The game has generated an estimated $2.7m in player spending on the App Store since its return, meaning an average of $144,000 per day and almost $1 per install. Its current daily peak was at $248,000 on June 8th.

Over the same period of 2020, shortly before the ban, Fortnite earned $18.6m on the US App Store with a daily average of $980,000 in that time.

The title still has some way to go to return to its previous heights, although in 2025, it is also likely to generate extra income from iOS users making external transactions.

A changing landscape

Apple’s ban of Fortnite in August 2020 spawned a years-long battle which cost Epic Games over $100m in legal fees but has ultimately resulted in the popular game’s return in the US and an opening up of the mobile ecosystem.

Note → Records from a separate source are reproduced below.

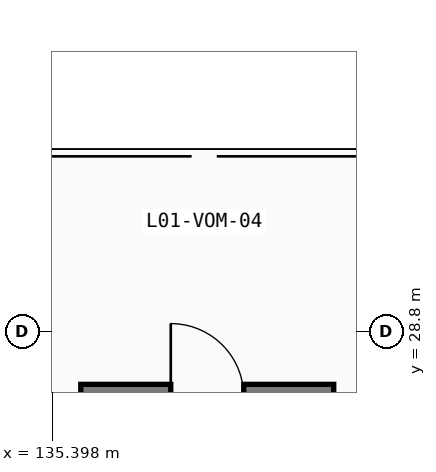
"""IFC4 building model, lengths in metres.
Left out: names, types, materials, properties, quantities, classifications, styles, units other than length and angle.
Written with IfcOpenShell. Run it as: python <this file> out.ifc"""

import sys

from ifc_helpers import new_model, si_unit, direction, frame, frame_2d, origin, place, context, subcontext, project, spatial, rectangle, extrude, element, save


model = new_model("IFC4")
c1 = context("Model", 3, precision=1e-05, world=origin(), true_north=direction((0.0, 1.0)))
c2 = subcontext(c1, "Body", "Model", "MODEL_VIEW")
j1 = project(units=[si_unit("LENGTHUNIT", "METRE"), si_unit("PLANEANGLEUNIT", "RADIAN")], contexts=[c1])
p1 = place(None, origin())
s1 = spatial("IfcSite", under=j1, at=p1, CompositionType="ELEMENT")
p2 = place(p1, origin())
s2 = spatial("IfcBuilding", under=s1, at=p2, CompositionType="ELEMENT")
p3 = place(p2, frame((0.0, 0.0, 4.8)))
s3 = spatial("IfcBuildingStorey", under=s2, at=p3, CompositionType="ELEMENT", Elevation=4.8)
p4 = place(p3, frame((140.03, 27.73, 0.0), z_axis=(0.0, 0.0, 1.0), x_axis=(-1.0, 0.0, 0.0)))
e1 = element("IfcWall", 1, at=p4, inside=s3, PredefinedType="SHEAR", context=c2, shape_type="SweptSolid", body=[
    extrude(rectangle(XDim=4.16, YDim=0.4, at=frame_2d((2.08, 0.0))), origin(), (0.0, 0.0, 1.0), 4.52),
])
p5 = place(p4, frame((2.68, 0.0, 0.0), z_axis=(0.0, 0.0, 1.0), x_axis=(-1.0, 0.0, 0.0)))
e2 = element("IfcOpeningElement", 2, at=p5, cuts=e1, PredefinedType="OPENING", context=c2, shape_type="SweptSolid", body=[
    extrude(rectangle(XDim=1.2, YDim=2.2, at=frame_2d((0.6, 1.1))), frame((0.0, 0.21, 0.0), z_axis=(0.0, -1.0, 0.0), x_axis=(1.0, 0.0, 0.0)), (0.0, 0.0, 1.0), 0.42),
])
save(model, sys.argv[1])

The US court ruled that Apple can no longer use scare screens or anti-steering practices to keep users within its ecosystem, and it cannot ban games for linking out to alternative payment systems.

At Unreal Fest 2025, Epic Games CEO Tim Sweeney noted that he is "optimistic" about the direction the games industry is headed and that he will "keep fighting" until mobile apps are freed worldwide.

"Revenue is shifting away from useless gatekeepers and middlemen to developers who actually build this stuff, like us," he said.

Fortnite is expected to return to iOS in Brazil, the UK and Japan later this year.